Thanks for all the replies.

It seems like that Wrapper does the job (the player who had the problem tested and now it works for him). I threw out the FOPEN_RB and other defines as it seems to me that other systems simply ignore fopen “b” flag.

[mbabuskov] mbabuskov https://discourse.libsdl.org/u/mbabuskov
June 19

Thanks for all the replies.

It seems like that Wrapper does the job (the player who had the problem
tested and now it works for him).

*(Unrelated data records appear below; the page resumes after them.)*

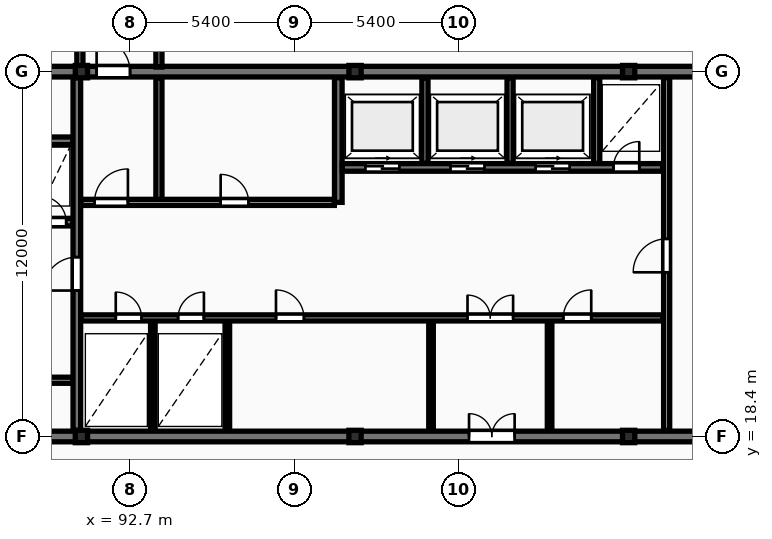
"""IFC4 building model, lengths in metres.
Left out: names, types, materials, properties, quantities, classifications, styles, units other than length and angle.
Written with IfcOpenShell. Run it as: python <this file> out.ifc"""

import sys

from ifc_helpers import new_model, si_unit, direction, frame, frame_2d, origin, origin_2d, place, context, subcontext, project, spatial, rectangle, i_section, extrude, element, fill, save


model = new_model("IFC4")
c1 = context("Model", 3, precision=1e-05, world=origin(), true_north=direction((0.0, 1.0)))
c2 = subcontext(c1, "Body", "Model", "MODEL_VIEW")
j1 = project(units=[si_unit("LENGTHUNIT", "METRE"), si_unit("PLANEANGLEUNIT", "RADIAN")], contexts=[c1])
p1 = place(None, origin())
s1 = spatial("IfcSite", under=j1, at=p1, CompositionType="ELEMENT")
p2 = place(p1, origin())
s2 = spatial("IfcBuilding", under=s1, at=p2, CompositionType="ELEMENT")
p3 = place(p2, frame((0.0, 0.0, 142.9)))
s3 = spatial("IfcBuildingStorey", under=s2, at=p3, CompositionType="ELEMENT", Elevation=142.9)
for number, where, z_axis, x_axis in (
    (1, (91.1, 18.4, 0.0), (0.0, 0.0, 1.0), (1.0, 0.0, 0.0)),
    (2, (91.1, 30.4, 0.0), (0.0, 0.0, 1.0), (1.0, 0.0, 0.0)),
    (3, (100.1, 18.4, 0.0), (0.0, 0.0, 1.0), (1.0, 0.0, 0.0)),
    (4, (100.1, 30.4, 0.0), (0.0, 0.0, 1.0), (1.0, 0.0, 0.0)),
    (5, (109.1, 18.4, 0.0), (0.0, 0.0, 1.0), (1.0, 0.0, 0.0)),
    (6, (109.1, 30.4, 0.0), (0.0, 0.0, 1.0), (1.0, 0.0, 0.0)),
):
    element("IfcColumn", number, at=place(p3, frame(where, z_axis=z_axis, x_axis=x_axis)), inside=s3, PredefinedType="COLUMN", context=c2, shape_type="SweptSolid", body=[
        extrude(i_section(OverallWidth=0.403, OverallDepth=0.406, WebThickness=0.027, FlangeThickness=0.043, FilletRadius=0.015, at=origin_2d()), origin(), (0.0, 0.0, 1.0), 3.6),
    ])
p4 = place(p3, frame((81.925, 30.4, 0.0), z_axis=(0.0, 0.0, 1.0), x_axis=(1.0, 0.0, 0.0)))
e7 = element("IfcWall", 7, at=p4, inside=s3, PredefinedType="SHEAR", context=c2, shape_type="SweptSolid", body=[
    extrude(rectangle(XDim=36.265, YDim=0.35, at=frame_2d((18.132, 0.0))), origin(), (0.0, 0.0, 1.0), 3.6),
])
p5 = place(p4, frame((9.675, 0.0, 0.0)))
e8 = element("IfcOpeningElement", 8, at=p5, cuts=e7, PredefinedType="OPENING", context=c2, shape_type="SweptSolid", body=[
    extrude(rectangle(XDim=1.1, YDim=2.1, at=frame_2d((0.55, 1.05))), frame((0.0, 0.185, 0.0), z_axis=(0.0, -1.0, 0.0), x_axis=(1.0, 0.0, 0.0)), (0.0, 0.0, 1.0), 0.37),
])
p6 = place(p3, frame((81.925, 18.4, 0.0), z_axis=(0.0, 0.0, 1.0), x_axis=(1.0, 0.0, 0.0)))
e9 = element("IfcWall", 9, at=p6, inside=s3, PredefinedType="SHEAR", context=c2, shape_type="SweptSolid", body=[
    extrude(rectangle(XDim=36.265, YDim=0.35, at=frame_2d((18.132, 0.0))), origin(), (0.0, 0.0, 1.0), 3.6),
])
p7 = place(p6, frame((5.675, 0.0, 0.0)))
e10 = element("IfcOpeningElement", 10, at=p7, cuts=e9, PredefinedType="OPENING", context=c2, shape_type="SweptSolid", body=[
    extrude(rectangle(XDim=1.0, YDim=2.15, at=frame_2d((0.5, 1.075))), frame((0.0, 0.185, 0.0), z_axis=(0.0, -1.0, 0.0), x_axis=(1.0, 0.0, 0.0)), (0.0, 0.0, 1.0), 0.37),
])
p8 = place(p6, frame((21.925, 0.0, 0.0)))
e11 = element("IfcOpeningElement", 11, at=p8, cuts=e9, PredefinedType="OPENING", context=c2, shape_type="SweptSolid", body=[
    extrude(rectangle(XDim=1.5, YDim=2.2, at=frame_2d((0.75, 1.1))), frame((0.0, 0.185, 0.0), z_axis=(0.0, -1.0, 0.0), x_axis=(1.0, 0.0, 0.0)), (0.0, 0.0, 1.0), 0.37),
])
p9 = place(p6, frame((29.875, 0.0, 0.0)))
e12 = element("IfcOpeningElement", 12, at=p9, cuts=e9, PredefinedType="OPENING", context=c2, shape_type="SweptSolid", body=[
    extrude(rectangle(XDim=1.0, YDim=2.15, at=frame_2d((0.5, 1.075))), frame((0.0, 0.185, 0.0), z_axis=(0.0, -1.0, 0.0), x_axis=(1.0, 0.0, 0.0)), (0.0, 0.0, 1.0), 0.37),
])
p10 = place(p3, frame((83.0, 28.125, 0.0), z_axis=(0.0, 0.0, 1.0), x_axis=(1.0, 0.0, 0.0)))
e13 = element("IfcWall", 13, at=p10, inside=s3, PredefinedType="SHEAR", context=c2, shape_type="SweptSolid", body=[
    extrude(rectangle(XDim=7.82, YDim=0.25, at=frame_2d((3.91, 0.0))), origin(), (0.0, 0.0, 1.0), 3.6),
])
p11 = place(p3, frame((86.5, 25.45, 0.0), z_axis=(0.0, 0.0, 1.0), x_axis=(1.0, 0.0, 0.0)))
e14 = element("IfcWall", 14, at=p11, inside=s3, PredefinedType="SHEAR", context=c2, shape_type="SweptSolid", body=[
    extrude(rectangle(XDim=4.32, YDim=0.25, at=frame_2d((2.16, 0.0))), origin(), (0.0, 0.0, 1.0), 3.6),
])
p12 = place(p11, frame((1.14, 0.0, 0.0)))
e15 = element("IfcOpeningElement", 15, at=p12, cuts=e14, PredefinedType="OPENING", context=c2, shape_type="SweptSolid", body=[
    extrude(rectangle(XDim=1.12, YDim=2.12, at=frame_2d((0.56, 1.06))), frame((0.0, 0.135, 0.0), z_axis=(0.0, -1.0, 0.0), x_axis=(1.0, 0.0, 0.0)), (0.0, 0.0, 1.0), 0.27),
])
p13 = place(p11, frame((3.25, 0.0, 0.0)))
e16 = element("IfcOpeningElement", 16, at=p13, cuts=e14, PredefinedType="OPENING", context=c2, shape_type="SweptSolid", body=[
    extrude(rectangle(XDim=0.85, YDim=2.05, at=frame_2d((0.425, 1.025))), frame((0.0, 0.135, 0.0), z_axis=(0.0, -1.0, 0.0), x_axis=(1.0, 0.0, 0.0)), (0.0, 0.0, 1.0), 0.27),
])
p14 = place(p3, frame((86.5, 20.25, 0.0), z_axis=(0.0, 0.0, 1.0), x_axis=(1.0, 0.0, 0.0)))
e17 = element("IfcWall", 17, at=p14, inside=s3, PredefinedType="PARTITIONING", context=c2, shape_type="SweptSolid", body=[
    extrude(rectangle(XDim=4.32, YDim=0.2, at=frame_2d((2.16, 0.0))), origin(), (0.0, 0.0, 1.0), 3.31),
])
p15 = place(p14, frame((1.4, 0.0, 0.0)))
e18 = element("IfcOpeningElement", 18, at=p15, cuts=e17, PredefinedType="OPENING", context=c2, shape_type="SweptSolid", body=[
    extrude(rectangle(XDim=1.1, YDim=2.1, at=frame_2d((0.55, 1.05))), frame((0.0, 0.11, 0.0), z_axis=(0.0, -1.0, 0.0), x_axis=(1.0, 0.0, 0.0)), (0.0, 0.0, 1.0), 0.22),
])
p16 = place(p3, frame((90.95, 18.6, 0.0), z_axis=(0.0, 0.0, 1.0), x_axis=(0.0, 1.0, 0.0)))
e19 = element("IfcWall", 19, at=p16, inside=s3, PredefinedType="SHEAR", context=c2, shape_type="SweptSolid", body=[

I threw out the FOPEN_RB and other
defines as it seems to me that other systems simply ignore fopen “b” flag.

Yep, those shouldn’t be needed, just always add “b”.
Another thing is, I’m not sure if UNICODE must be defined, but that code
silently falls back to standard fopen() if it doesn’t - that seems very
error-prone to me - it would probably be better to do it like:

#include <stdio.h>
#ifdef _WIN32

#ifndef UNICODE // FIXME: not sure this check is even needed at all
#error Make sure UNICODE is defined for fopenu() to work on Windows!
#endif

#include <winnls.h>
inline FILE *fopenu(const char *path,const char *opt){
wchar_t wpath[1024];
wchar_t wopt[8];
MultiByteToWideChar(CP_UTF8, 0, path, -1, wpath, 1024);
MultiByteToWideChar(CP_UTF8, 0, opt, -1, wopt, 8);

 return _wfopen(wpath, wopt);

}

#else // not Windows => just use standard fopen()
#define fopenu fopen
#endif

Cheers,
Daniel

Damn, looks like discourse fucked the formatting up (I sent via email,
but it applied Markdown or sth, which might not be the best choice)

Anyway, trying again, hoping it understands Github-style three-backticks
codeblocks:

#include <stdio.h>
#ifdef _WIN32

  #ifndef UNICODE // FIXME: not sure this check is even needed at all
    #error Make sure UNICODE is defined for fopenu() to work on Windows!
  #endif

#include <winnls.h>
inline FILE *fopenu(const char *path,const char *opt){
     wchar_t wpath[1024];
     wchar_t wopt[8];
     MultiByteToWideChar(CP_UTF8, 0, path, -1, wpath, 1024);
     MultiByteToWideChar(CP_UTF8, 0, opt, -1, wopt, 8);

     return _wfopen(wpath, wopt);
}

#else // not Windows => just use standard fopen()
#define fopenu fopen
#endif

I’m not sure what defines UNICODE? I don’t have a #define in my code nor in compiler invocation. And it works.

I just tested, UNICODE is definitely not defined in the version that works properly. So, #error is definitely a bad idea.

BTW, when I used winnls.h my code would not compile. I had to include windows.h instead.